Ho letto la silloge poetica di Valentina Tagliabue “Di fuoco e di Nebbia” ed. Aletti e la reazione è stata quella che scaturisce quando sei di fronte alla vera poesia, quella che sa colpire il profondo dell’anima. Valentina ha ventidue ma una ricchezza spirituale, ideativa e produttiva molto ricca: mi sono stupita. Proseguendo la lettura mi sono resa rendo conto come in lei vivano gli opposti: infanzia e età adulta coesistono armonicamente. Ma ora lascio la parola alle sue risposte davvero interessanti.  

 

Valentina, la poesia in poche parole dice l’immenso che c’è dentro, e fuori, di noi. Sei d’accordo? E se no spiega la tua idea.

Forse la poesia dice molto e non dice nulla. Celebra, racconta, rafforza, ispira, aiuta il progredire dell’anima da buona arte qual è. Constata uno stato di cose e cerca di protendersi verso l’Altro, verso qualcosa di più elevato. Anche se una poesia che colga davvero l’immenso devo ancora leggerla…ma forse questo è qualcosa di talmente vasto ed epifanico che solo pochi possono sperimentarlo. Tuttavia non è un modo per dire “non sono d’accordo”, anzi: condivido che la poesia sia un buon tentativo umano di esprimere la sottile complessità dell’essere, dell’Esistere, e quindi di ciò che di più vivo e magnifico si manifesti all’interno e all’esterno di chi utilizza questa particolare lente per guardare il mondo. Scriverla può essere illuminante, e leggere una buona poesia riaccende il fuoco sacro nascosto dentro di noi. Ci mette in comunione con la vastità delle cose.

Ricordi in quale momento hai avvertito il desiderio di scrivere poesie?

Sono cresciuta circondata dai libri e da una madre che amava leggere e comporre anch’essa poesie. Avevo ottima memoria e all’asilo imparavo tutte le filastrocche, libri e rime venivano letti ad alta voce e già da piccolissima ho provato amore per il lirismo.

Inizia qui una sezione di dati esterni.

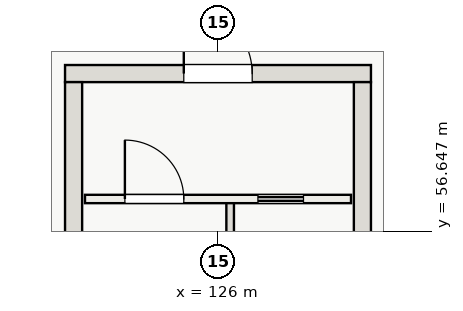
"""IFC4 building model, lengths in metres.
Left out: names, types, materials, properties, quantities, classifications, styles, units other than length and angle.
Written with IfcOpenShell. Run it as: python <this file> out.ifc"""

import sys

from ifc_helpers import new_model, si_unit, direction, frame, frame_2d, origin, place, context, subcontext, project, spatial, rectangle, extrude, element, fill, save


model = new_model("IFC4")
c1 = context("Model", 3, precision=1e-05, world=origin(), true_north=direction((0.0, 1.0)))
c2 = subcontext(c1, "Body", "Model", "MODEL_VIEW")
j1 = project(units=[si_unit("LENGTHUNIT", "METRE"), si_unit("PLANEANGLEUNIT", "RADIAN")], contexts=[c1])
p1 = place(None, origin())
s1 = spatial("IfcSite", under=j1, at=p1, CompositionType="ELEMENT")
p2 = place(p1, origin())
s2 = spatial("IfcBuilding", under=s1, at=p2, CompositionType="ELEMENT")
p3 = place(p2, frame((0.0, 0.0, -4.8)))
s3 = spatial("IfcBuildingStorey", under=s2, at=p3, CompositionType="ELEMENT", Elevation=-4.8)
p4 = place(p3, frame((121.975, 60.8, -0.45), z_axis=(0.0, 0.0, 1.0), x_axis=(1.0, 0.0, 0.0)))
e1 = element("IfcWall", 1, at=p4, inside=s3, PredefinedType="SHEAR", context=c2, shape_type="SweptSolid", body=[
    extrude(rectangle(XDim=8.05, YDim=0.45, at=frame_2d((4.025, 0.0))), origin(), (0.0, 0.0, 1.0), 5.25),
])
p5 = place(p4, frame((3.125, 0.0, 0.45)))
e2 = element("IfcOpeningElement", 2, at=p5, cuts=e1, PredefinedType="OPENING", context=c2, shape_type="SweptSolid", body=[
    extrude(rectangle(XDim=1.8, YDim=2.3, at=frame_2d((0.9, 1.15))), frame((0.0, 0.235, 0.0), z_axis=(0.0, -1.0, 0.0), x_axis=(1.0, 0.0, 0.0)), (0.0, 0.0, 1.0), 0.47),
])
for number, where, z_axis, x_axis in (
    (3, (122.2, 49.425, -0.45), (0.0, 0.0, 1.0), (0.0, 1.0, 0.0)),
    (4, (129.8, 49.425, -0.45), (0.0, 0.0, 1.0), (0.0, 1.0, 0.0)),
):
    element("IfcWall", number, at=place(p3, frame(where, z_axis=z_axis, x_axis=x_axis)), inside=s3, PredefinedType="SHEAR", context=c2, shape_type="SweptSolid", body=[
        extrude(rectangle(XDim=11.15, YDim=0.45, at=frame_2d((5.575, 0.0))), origin(), (0.0, 0.0, 1.0), 5.25),
    ])
p6 = place(p3, frame((126.32, 49.45, -0.45), z_axis=(0.0, 0.0, 1.0), x_axis=(0.0, 1.0, 0.0)))
e5 = element("IfcWall", 5, at=p6, inside=s3, PredefinedType="SOLIDWALL", context=c2, shape_type="SweptSolid", body=[
    extrude(rectangle(XDim=8.0, YDim=0.2, at=frame_2d((4.0, 0.0))), origin(), (0.0, 0.0, 1.0), 5.25),
])
p7 = place(p3, frame((122.5, 57.5, 0.0), z_axis=(0.0, 0.0, 1.0), x_axis=(1.0, 0.0, 0.0)))
e6 = element("IfcWall", 6, at=p7, inside=s3, PredefinedType="SOLIDWALL", context=c2, shape_type="SweptSolid", body=[
    extrude(rectangle(XDim=7.0, YDim=0.22, at=frame_2d((3.5, 0.0))), origin(), (0.0, 0.0, 1.0), 4.4),
])
p8 = place(p7, frame((1.05, 0.0, 0.0)))
e7 = element("IfcOpeningElement", 7, at=p8, cuts=e6, PredefinedType="OPENING", context=c2, shape_type="SweptSolid", body=[
    extrude(rectangle(XDim=1.55, YDim=2.2, at=frame_2d((0.775, 1.1))), frame((0.0, 0.12, 0.0), z_axis=(0.0, -1.0, 0.0), x_axis=(1.0, 0.0, 0.0)), (0.0, 0.0, 1.0), 0.24),
])
p9 = place(p7, frame((4.55, 0.0, 0.0)))
e8 = element("IfcOpeningElement", 8, at=p9, cuts=e6, PredefinedType="OPENING", context=c2, shape_type="SweptSolid", body=[
    extrude(rectangle(XDim=1.2, YDim=2.2, at=frame_2d((0.6, 1.1))), frame((0.0, 0.12, 0.0), z_axis=(0.0, -1.0, 0.0), x_axis=(1.0, 0.0, 0.0)), (0.0, 0.0, 1.0), 0.24),
])
p10 = place(p8, origin())
e9 = element("IfcDoor", 9, at=p10, inside=s3, OperationType="SINGLE_SWING_LEFT", PredefinedType="DOOR", context=c2, shape_type="SweptSolid", body=[
    extrude(rectangle(XDim=1.55, YDim=2.2, at=frame_2d((0.775, 1.1))), frame((0.0, 0.025, 0.0), z_axis=(0.0, -1.0, 0.0), x_axis=(1.0, 0.0, 0.0)), (0.0, 0.0, 1.0), 0.05),
])
fill(e7, e9)
p11 = place(p9, origin())
e10 = element("IfcDoor", 10, at=p11, inside=s3, OperationType="SLIDING_TO_LEFT", PredefinedType="DOOR", context=c2, shape_type="SweptSolid", body=[
    extrude(rectangle(XDim=1.2, YDim=2.2, at=frame_2d((0.6, 1.1))), frame((0.0, 0.025, 0.0), z_axis=(0.0, -1.0, 0.0), x_axis=(1.0, 0.0, 0.0)), (0.0, 0.0, 1.0), 0.05),
])
fill(e8, e10)
p12 = place(p5, origin())
e11 = element("IfcDoor", 11, at=p12, inside=s3, OperationType="DOUBLE_DOOR_SINGLE_SWING", PredefinedType="DOOR", context=c2, shape_type="SweptSolid", body=[
    extrude(rectangle(XDim=1.8, YDim=2.3, at=frame_2d((0.9, 1.15))), frame((0.0, 0.025, 0.0), z_axis=(0.0, -1.0, 0.0), x_axis=(1.0, 0.0, 0.0)), (0.0, 0.0, 1.0), 0.05),
])
fill(e2, e11)
save(model, sys.argv[1])

All’età di cinque anni ho deciso di scrivere la prima canzoncina sui numeri, e dalla prima elementare ho iniziato a raccontare in versi quello che succedeva alle mie giornate e al mio animo. Più tardi, naturalmente, la poesia si è staccata dalla mera narrazione.

È più naturale per te scrivere in poesia o in prosa?

Ora faccio l’immodesta: penso che mi venga naturale scrivere, in sé per sé. È il modo in cui realizzo le mie potenzialità. Il mio primo linguaggio è senza dubbio quello poetico, ma ho imparato che la prosa ha le sue possibilità e perciò oggi la utilizzo quanto la poesia, infatti sta per uscire il mio secondo romanzo. Prosa e poesia esprimono cose diverse, sono il vino e la birra, l’arco e la spada, il riso e il pianto: fanno parte della varietà artistica e sarebbe un peccato precludersi delle strade. Ciò che ancora ho approfondito poco è invece il racconto o il saggio breve. 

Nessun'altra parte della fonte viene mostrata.